# Adorini hygrometer trouble



## High Priest Of Darkness (Aug 13, 2014)

Hi everyone I am having real trouble with the hygrometers here is the situation. I own 2 adorini chianti medium deluxe and 1 adorini chianti grande deluxe as well as the 1 adorini roma. 
Yesterday I recalibrated all the hygrometers with the salt test from the 3 chianti humidors, I left them in the zip lock bag for 8>9 hours, They was all fairly close to where they should be here are the readings: 1) 75, 2) 77, 3) 80. I changed the ones that needed the slight adjustment to read 75. 
I then placed all 3 hair hygrometers into the roma near where the big roma hygrometer is, I also placed my adorini digital in ,My la veil electronic humidifier digital (which come with the roma) read 70 as I had it set to be on 70.
I left the 3 chianti hygrometers for a couple hours and then went back to check them the digital was still on 70 and the other 3 chianti hygrometers read
1) between 70 and 71, 2) 75 3) 70. The adorini digital hygrometer in there read 71.
So these are the reading from all the hygrometers >
Chiantis :
1) between 70 and 71,
2) 75 
3) 70
La veil electronic) 70
adorini digital) 71
roma hygrometer) 78

Seeing that most was around 70 and after doing the salt test which 2 of the calibrated hygrometer read roughly Which was what the la veil read I corrected the hygrometers so they all read 70.
So everything was set to 70 that night, this morning I went to look at the roma and the la veil digital was still at 70, the roma hygrometer read 80??? and the adorini digital read 74???? I stuck one of the chiantis In there for a couple hours and that reads 72???
How can all the hygrometers read so different after one day and after I set them all the same that night.

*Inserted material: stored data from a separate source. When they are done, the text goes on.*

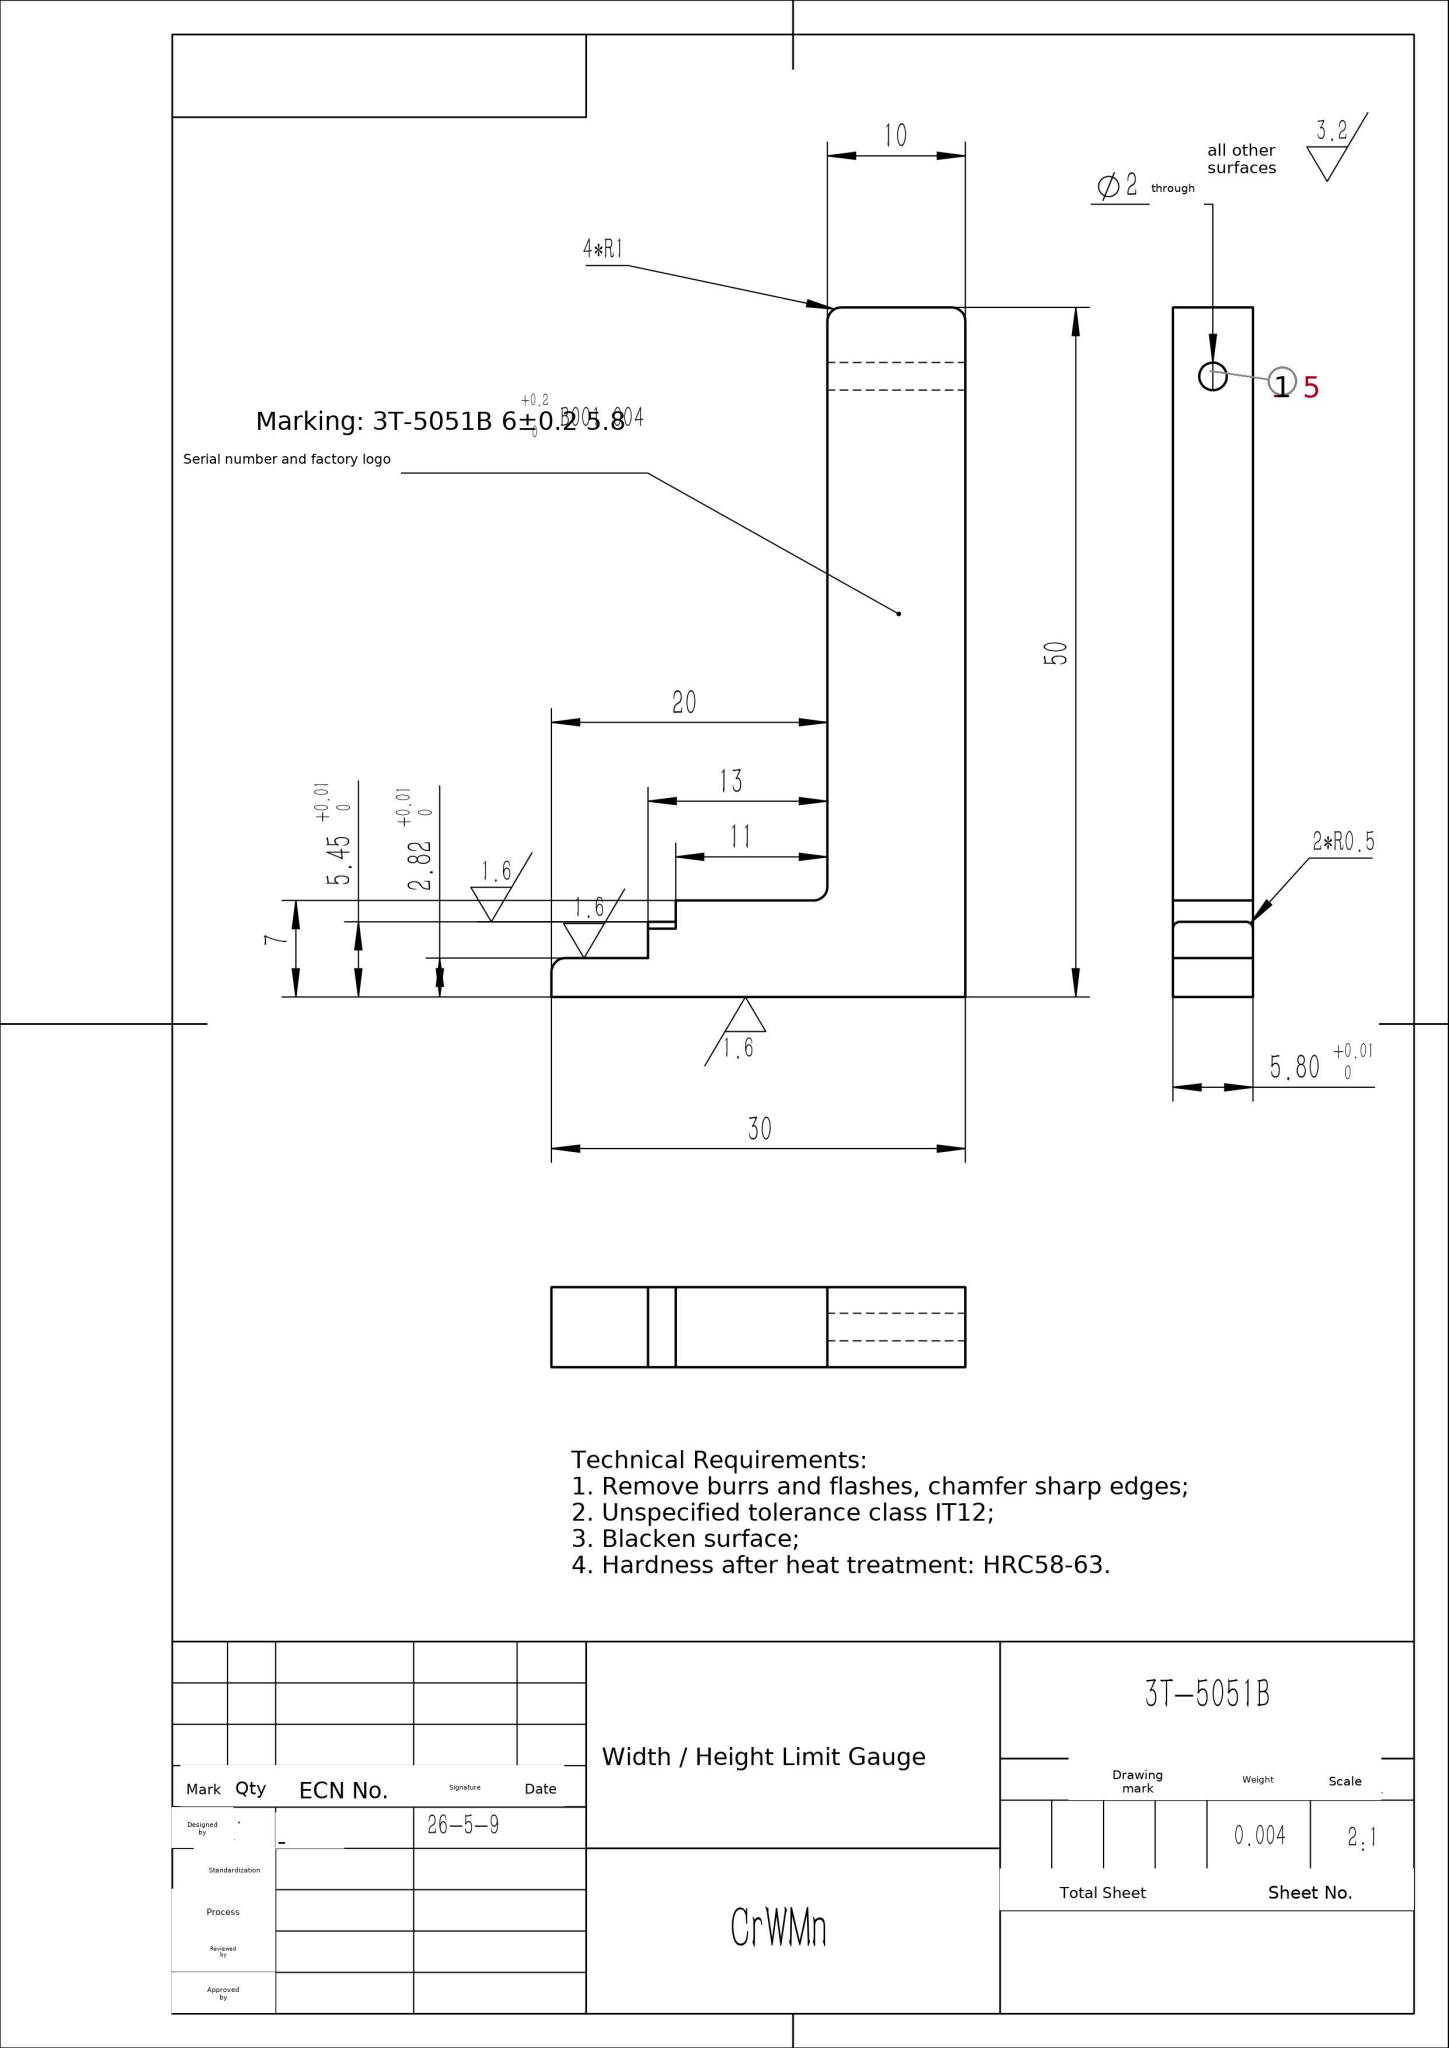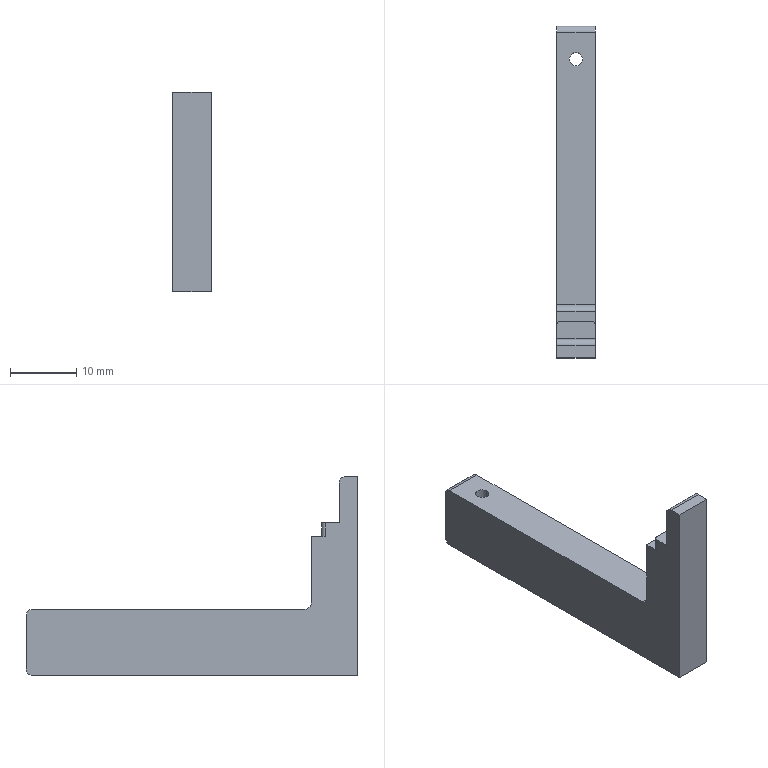Part | SolidWorks | mm | material CrWMn | 1 solid | 20 faces | box 5.8 x 50 x 30 mm | volume 3490 mm3 | plane 12 | cylinder 8 | commonest cylinder face diameters 2 x6 1 x2
STEP:
#1=CARTESIAN_POINT('',(1.,41.5,0.));
#2=VERTEX_POINT('',#1);
#3=CARTESIAN_POINT('',(-1.,41.5,0.));
#4=VERTEX_POINT('',#3);
#5=CARTESIAN_POINT('',(0.,41.5,0.));
#6=DIRECTION('',(0.,0.,-1.));
#7=DIRECTION('',(-1.,0.,0.));
#8=AXIS2_PLACEMENT_3D('',#5,#6,#7);
#9=CIRCLE('',#8,1.);
#10=EDGE_CURVE('',#2,#4,#9,.T.);
#11=ORIENTED_EDGE('',*,*,#10,.F.);
#12=CARTESIAN_POINT('',(1.,41.5,-10.));
#13=VERTEX_POINT('',#12);
#14=CARTESIAN_POINT('',(1.,41.5,20.));
#15=DIRECTION('',(0.,0.,-1.));
#16=VECTOR('',#15,1000.);
#17=LINE('',#14,#16);
#18=EDGE_CURVE('',#2,#13,#17,.T.);
#19=ORIENTED_EDGE('',*,*,#18,.T.);
#20=CARTESIAN_POINT('',(-1.,41.5,-10.));
#21=VERTEX_POINT('',#20);
#22=CARTESIAN_POINT('',(0.,41.5,-10.));
#23=DIRECTION('',(0.,0.,-1.));
#24=DIRECTION('',(-1.,0.,0.));
#25=AXIS2_PLACEMENT_3D('',#22,#23,#24);
#26=CIRCLE('',#25,1.);
#27=EDGE_CURVE('',#13,#21,#26,.T.);
#28=ORIENTED_EDGE('',*,*,#27,.T.);
#29=CARTESIAN_POINT('',(-1.,41.5,20.));
#30=DIRECTION('',(0.,0.,-1.));
#31=VECTOR('',#30,1000.);
#32=LINE('',#29,#31);
#33=EDGE_CURVE('',#4,#21,#32,.T.);
#34=ORIENTED_EDGE('',*,*,#33,.F.);
#35=EDGE_LOOP('',(#11,#19,#28,#34));
#36=FACE_OUTER_BOUND('',#35,.T.);
#37=CARTESIAN_POINT('',(0.,41.5,20.));
#38=DIRECTION('',(0.,0.,-1.));
#39=DIRECTION('',(-1.,0.,0.));
#40=AXIS2_PLACEMENT_3D('',#37,#38,#39);
#41=CYLINDRICAL_SURFACE('',#40,1.);
#42=ADVANCED_FACE('',(#36),#41,.F.);
#43=CARTESIAN_POINT('',(2.9,3.5,11.));
#44=VERTEX_POINT('',#43);
#45=CARTESIAN_POINT('',(2.9,3.5,1.));
#46=VERTEX_POINT('',#45);
#47=CARTESIAN_POINT('',(2.9,3.5,20.));
#48=DIRECTION('',(0.,0.,-1.));
#49=VECTOR('',#48,1000.);
#50=LINE('',#47,#49);
#51=EDGE_CURVE('',#44,#46,#50,.T.);
#52=ORIENTED_EDGE('',*,*,#51,.T.);
#53=CARTESIAN_POINT('',(-2.9,3.5,1.));
#54=VERTEX_POINT('',#53);
#55=CARTESIAN_POINT('',(-2.9,3.5,1.));
#56=DIRECTION('',(-1.,-0.,0.));
#57=VECTOR('',#56,1000.);
#58=LINE('',#55,#57);
#59=EDGE_CURVE('',#46,#54,#58,.T.);
#60=ORIENTED_EDGE('',*,*,#59,.T.);
#61=CARTESIAN_POINT('',(-2.9,3.5,11.));
#62=VERTEX_POINT('',#61);
#63=CARTESIAN_POINT('',(-2.9,3.5,20.));
#64=DIRECTION('',(0.,0.,-1.));
#65=VECTOR('',#64,1000.);
#66=LINE('',#63,#65);
#67=EDGE_CURVE('',#62,#54,#66,.T.);
#68=ORIENTED_EDGE('',*,*,#67,.F.);
#69=CARTESIAN_POINT('',(-2.9,3.5,11.));
#70=DIRECTION('',(-1.,0.,0.));
#71=VECTOR('',#70,1000.);
#72=LINE('',#69,#71);
#73=EDGE_CURVE('',#44,#62,#72,.T.);
#74=ORIENTED_EDGE('',*,*,#73,.F.);
#75=EDGE_LOOP('',(#52,#60,#68,#74));
#76=FACE_OUTER_BOUND('',#75,.T.);
#77=CARTESIAN_POINT('',(2.9,3.5,20.));
#78=DIRECTION('',(0.,-1.,0.));
#79=DIRECTION('',(1.,0.,0.));
#80=AXIS2_PLACEMENT_3D('',#77,#78,#79);
#81=PLANE('',#80);
#82=ADVANCED_FACE('',(#76),#81,.F.);
#83=CARTESIAN_POINT('',(-2.9,1.45,13.));
#84=VERTEX_POINT('',#83);
#85=CARTESIAN_POINT('',(-2.9,-0.68,13.));
#86=VERTEX_POINT('',#85);
#87=CARTESIAN_POINT('',(-2.9,1.95,13.));
#88=DIRECTION('',(0.,-1.,0.));
#89=VECTOR('',#88,1000.);
#90=LINE('',#87,#89);
#91=EDGE_CURVE('',#84,#86,#90,.T.);
#92=ORIENTED_EDGE('',*,*,#91,.F.);
#93=CARTESIAN_POINT('',(-2.9,1.45,11.));
#94=VERTEX_POINT('',#93);
#95=CARTESIAN_POINT('',(-2.9,1.45,20.));
#96=DIRECTION('',(0.,0.,-1.));
#97=VECTOR('',#96,1000.);
#98=LINE('',#95,#97);
#99=EDGE_CURVE('',#84,#94,#98,.T.);
#100=ORIENTED_EDGE('',*,*,#99,.T.);
#101=CARTESIAN_POINT('',(-2.9,3.5,11.));
#102=DIRECTION('',(0.,-1.,0.));
#103=VECTOR('',#102,1000.);
#104=LINE('',#101,#103);
#105=EDGE_CURVE('',#62,#94,#104,.T.);
#106=ORIENTED_EDGE('',*,*,#105,.F.);
#107=ORIENTED_EDGE('',*,*,#67,.T.);
#108=CARTESIAN_POINT('',(-2.9,4.5,0.));
#109=VERTEX_POINT('',#108);
#110=CARTESIAN_POINT('',(-2.9,4.5,1.));
#111=DIRECTION('',(1.,0.,0.));
#112=DIRECTION('',(0.,0.,-1.));
#113=AXIS2_PLACEMENT_3D('',#110,#111,#112);
#114=CIRCLE('',#113,1.);
#115=EDGE_CURVE('',#54,#109,#114,.T.);
#116=ORIENTED_EDGE('',*,*,#115,.T.);
#117=CARTESIAN_POINT('',(-2.9,45.5,0.));
#118=VERTEX_POINT('',#117);
#119=CARTESIAN_POINT('',(-2.9,-3.5,0.));
#120=DIRECTION('',(0.,1.,0.));
#121=VECTOR('',#120,1000.);
#122=LINE('',#119,#121);
#123=EDGE_CURVE('',#109,#118,#122,.T.);
#124=ORIENTED_EDGE('',*,*,#123,.T.);
#125=CARTESIAN_POINT('',(-2.9,46.5,-1.));
#126=VERTEX_POINT('',#125);
#127=CARTESIAN_POINT('',(-2.9,45.5,-1.));
#128=DIRECTION('',(-1.,0.,0.));
#129=DIRECTION('',(0.,0.,-1.));
#130=AXIS2_PLACEMENT_3D('',#127,#128,#129);
#131=CIRCLE('',#130,1.);
#132=EDGE_CURVE('',#118,#126,#131,.T.);
#133=ORIENTED_EDGE('',*,*,#132,.T.);
#134=CARTESIAN_POINT('',(-2.9,46.5,-9.));
#135=VERTEX_POINT('',#134);
#136=CARTESIAN_POINT('',(-2.9,46.5,-10.));
#137=DIRECTION('',(0.,0.,1.));
#138=VECTOR('',#137,1000.);
#139=LINE('',#136,#138);
#140=EDGE_CURVE('',#135,#126,#139,.T.);
#141=ORIENTED_EDGE('',*,*,#140,.F.);
#142=CARTESIAN_POINT('',(-2.9,45.5,-10.));
#143=VERTEX_POINT('',#142);
#144=CARTESIAN_POINT('',(-2.9,45.5,-9.));
#145=DIRECTION('',(-1.,0.,0.));
#146=DIRECTION('',(0.,0.,-1.));
#147=AXIS2_PLACEMENT_3D('',#144,#145,#146);
#148=CIRCLE('',#147,1.);
#149=EDGE_CURVE('',#135,#143,#148,.T.);
#150=ORIENTED_EDGE('',*,*,#149,.T.);
#151=CARTESIAN_POINT('',(-2.9,-3.5,-10.));
#152=VERTEX_POINT('',#151);
#153=CARTESIAN_POINT('',(-2.9,-3.5,-10.));
#154=DIRECTION('',(0.,1.,0.));
#155=VECTOR('',#154,1000.);
#156=LINE('',#153,#155);
#157=EDGE_CURVE('',#152,#143,#156,.T.);
#158=ORIENTED_EDGE('',*,*,#157,.F.);
#159=CARTESIAN_POINT('',(-2.9,-3.5,20.));
#160=VERTEX_POINT('',#159);
#161=CARTESIAN_POINT('',(-2.9,-3.5,20.));
#162=DIRECTION('',(0.,0.,-1.));
#163=VECTOR('',#162,1000.);
#164=LINE('',#161,#163);
#165=EDGE_CURVE('',#160,#152,#164,.T.);
#166=ORIENTED_EDGE('',*,*,#165,.F.);
#167=CARTESIAN_POINT('',(-2.9,-1.68,20.));
#168=VERTEX_POINT('',#167);
#169=CARTESIAN_POINT('',(-2.9,-3.5,20.));
#170=DIRECTION('',(0.,-1.,0.));
#171=VECTOR('',#170,1000.);
#172=LINE('',#169,#171);
#173=EDGE_CURVE('',#168,#160,#172,.T.);
#174=ORIENTED_EDGE('',*,*,#173,.F.);
#175=CARTESIAN_POINT('',(-2.9,-0.68,19.));
#176=VERTEX_POINT('',#175);
#177=CARTESIAN_POINT('',(-2.9,-1.68,19.));
#178=DIRECTION('',(-1.,0.,0.));
#179=DIRECTION('',(0.,0.,-1.));
#180=AXIS2_PLACEMENT_3D('',#177,#178,#179);
#181=CIRCLE('',#180,1.);
#182=EDGE_CURVE('',#168,#176,#181,.T.);
#183=ORIENTED_EDGE('',*,*,#182,.T.);
#184=CARTESIAN_POINT('',(-2.9,-0.68,13.));
#185=DIRECTION('',(0.,0.,1.));
#186=VECTOR('',#185,1000.);
#187=LINE('',#184,#186);
#188=EDGE_CURVE('',#86,#176,#187,.T.);
#189=ORIENTED_EDGE('',*,*,#188,.F.);
#190=EDGE_LOOP('',(#92,#100,#106,#107,#116,#124,#133,#141,#150,#158,#166,#174,#183,#189));
#191=FACE_OUTER_BOUND('',#190,.T.);
#192=CARTESIAN_POINT('',(-2.9,-3.5,20.));
#193=DIRECTION('',(1.,0.,0.));
#194=DIRECTION('',(0.,0.,-1.));
#195=AXIS2_PLACEMENT_3D('',#192,#193,#194);
#196=PLANE('',#195);
#197=ADVANCED_FACE('',(#191),#196,.F.);
#198=ORIENTED_EDGE('',*,*,#165,.T.);
#199=CARTESIAN_POINT('',(2.9,-3.5,-10.));
#200=VERTEX_POINT('',#199);
#201=CARTESIAN_POINT('',(-2.9,-3.5,-10.));
#202=DIRECTION('',(-1.,0.,0.));
#203=VECTOR('',#202,1000.);
#204=LINE('',#201,#203);
#205=EDGE_CURVE('',#200,#152,#204,.T.);
#206=ORIENTED_EDGE('',*,*,#205,.F.);
#207=CARTESIAN_POINT('',(2.9,-3.5,20.));
#208=VERTEX_POINT('',#207);
#209=CARTESIAN_POINT('',(2.9,-3.5,20.));
#210=DIRECTION('',(0.,0.,-1.));
#211=VECTOR('',#210,1000.);
#212=LINE('',#209,#211);
#213=EDGE_CURVE('',#208,#200,#212,.T.);
#214=ORIENTED_EDGE('',*,*,#213,.F.);
#215=CARTESIAN_POINT('',(2.9,-3.5,20.));
#216=DIRECTION('',(1.,0.,0.));
#217=VECTOR('',#216,1000.);
#218=LINE('',#215,#217);
#219=EDGE_CURVE('',#160,#208,#218,.T.);
#220=ORIENTED_EDGE('',*,*,#219,.F.);
#221=EDGE_LOOP('',(#198,#206,#214,#220));
#222=FACE_OUTER_BOUND('',#221,.T.);
#223=CARTESIAN_POINT('',(2.9,-3.5,20.));
#224=DIRECTION('',(-0.,1.,0.));
#225=DIRECTION('',(-1.,-0.,0.));
#226=AXIS2_PLACEMENT_3D('',#223,#224,#225);
#227=PLANE('',#226);
#228=ADVANCED_FACE('',(#222),#227,.F.);
#229=CARTESIAN_POINT('',(2.9,1.45,11.));
#230=VERTEX_POINT('',#229);
#231=CARTESIAN_POINT('',(2.9,3.5,11.));
#232=DIRECTION('',(0.,1.,0.));
#233=VECTOR('',#232,1000.);
#234=LINE('',#231,#233);
#235=EDGE_CURVE('',#230,#44,#234,.T.);
#236=ORIENTED_EDGE('',*,*,#235,.F.);
#237=CARTESIAN_POINT('',(2.9,1.45,13.));
#238=VERTEX_POINT('',#237);
#239=CARTESIAN_POINT('',(2.9,1.45,20.));
#240=DIRECTION('',(0.,0.,1.));
#241=VECTOR('',#240,1000.);
#242=LINE('',#239,#241);
#243=EDGE_CURVE('',#230,#238,#242,.T.);
#244=ORIENTED_EDGE('',*,*,#243,.T.);
#245=CARTESIAN_POINT('',(2.9,-0.68,13.));
#246=VERTEX_POINT('',#245);
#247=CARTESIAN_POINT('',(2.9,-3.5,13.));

Can you tell me which one is correct and why they are all so different?


----------



## JustinThyme (Jun 17, 2013)

First things first, forget anyone ever mentioned the salt test. Too may variables. Get a boveda calibration kit and put what you can fit in it and leave it undisturbed for at least 24 hours, 36 is even better. At that point you should be on 75%. Now for the adjustment part. If they can be calibrated while still in the bag that is best, if not then make note of how far off from 75% they are, take them out of the bag and leave them sit at ambient for 24 hours then adjust. Example it was reading 73% when it should have been 75% so you need to add 2% when you get it level out after its out of the bag if that is necessary. If you are trying to calibrate by taking it out of the bag and adjusting in ambient right away you will still be chasing your tail next year at this time. 

I cant speak for the others but my Adorini analog hair hygrometers are bawlz on, have been since the day I got them. For digital I recommend the Cailber IV.


----------



## RWalleyTX (Feb 21, 2012)

The new version from xikar is lab calibrated and never needs to be calibrated like the old styles. Get it and never worry if your hygrometer is correct.


----------



## High Priest Of Darkness (Aug 13, 2014)

JustinThyme said:


> First things first, forget anyone ever mentioned the salt test. Too may variables. Get a boveda calibration kit and put what you can fit in it and leave it undisturbed for at least 24 hours, 36 is even better. At that point you should be on 75%. Now for the adjustment part. If they can be calibrated while still in the bag that is best, if not then make note of how far off from 75% they are, take them out of the bag and leave them sit at ambient for 24 hours then adjust. Example it was reading 73% when it should have been 75% so you need to add 2% when you get it level out after its out of the bag if that is necessary. If you are trying to calibrate by taking it out of the bag and adjusting in ambient right away you will still be chasing your tail next year at this time.
> 
> I cant speak for the others but my Adorini analog hair hygrometers are bawlz on, have been since the day I got them. For digital I recommend the Cailber IV.


What I don't understand though is the fact that they was all set to same value yet within a day are all reading different Even if it wasn't calibrated to the exact humidity reading surely they all should be reading wrong at the same R/H?


----------



## JustinThyme (Jun 17, 2013)

RWalleyTX said:


> The new version from xikar is lab calibrated and never needs to be calibrated like the old styles. Get it and never worry if your hygrometer is correct.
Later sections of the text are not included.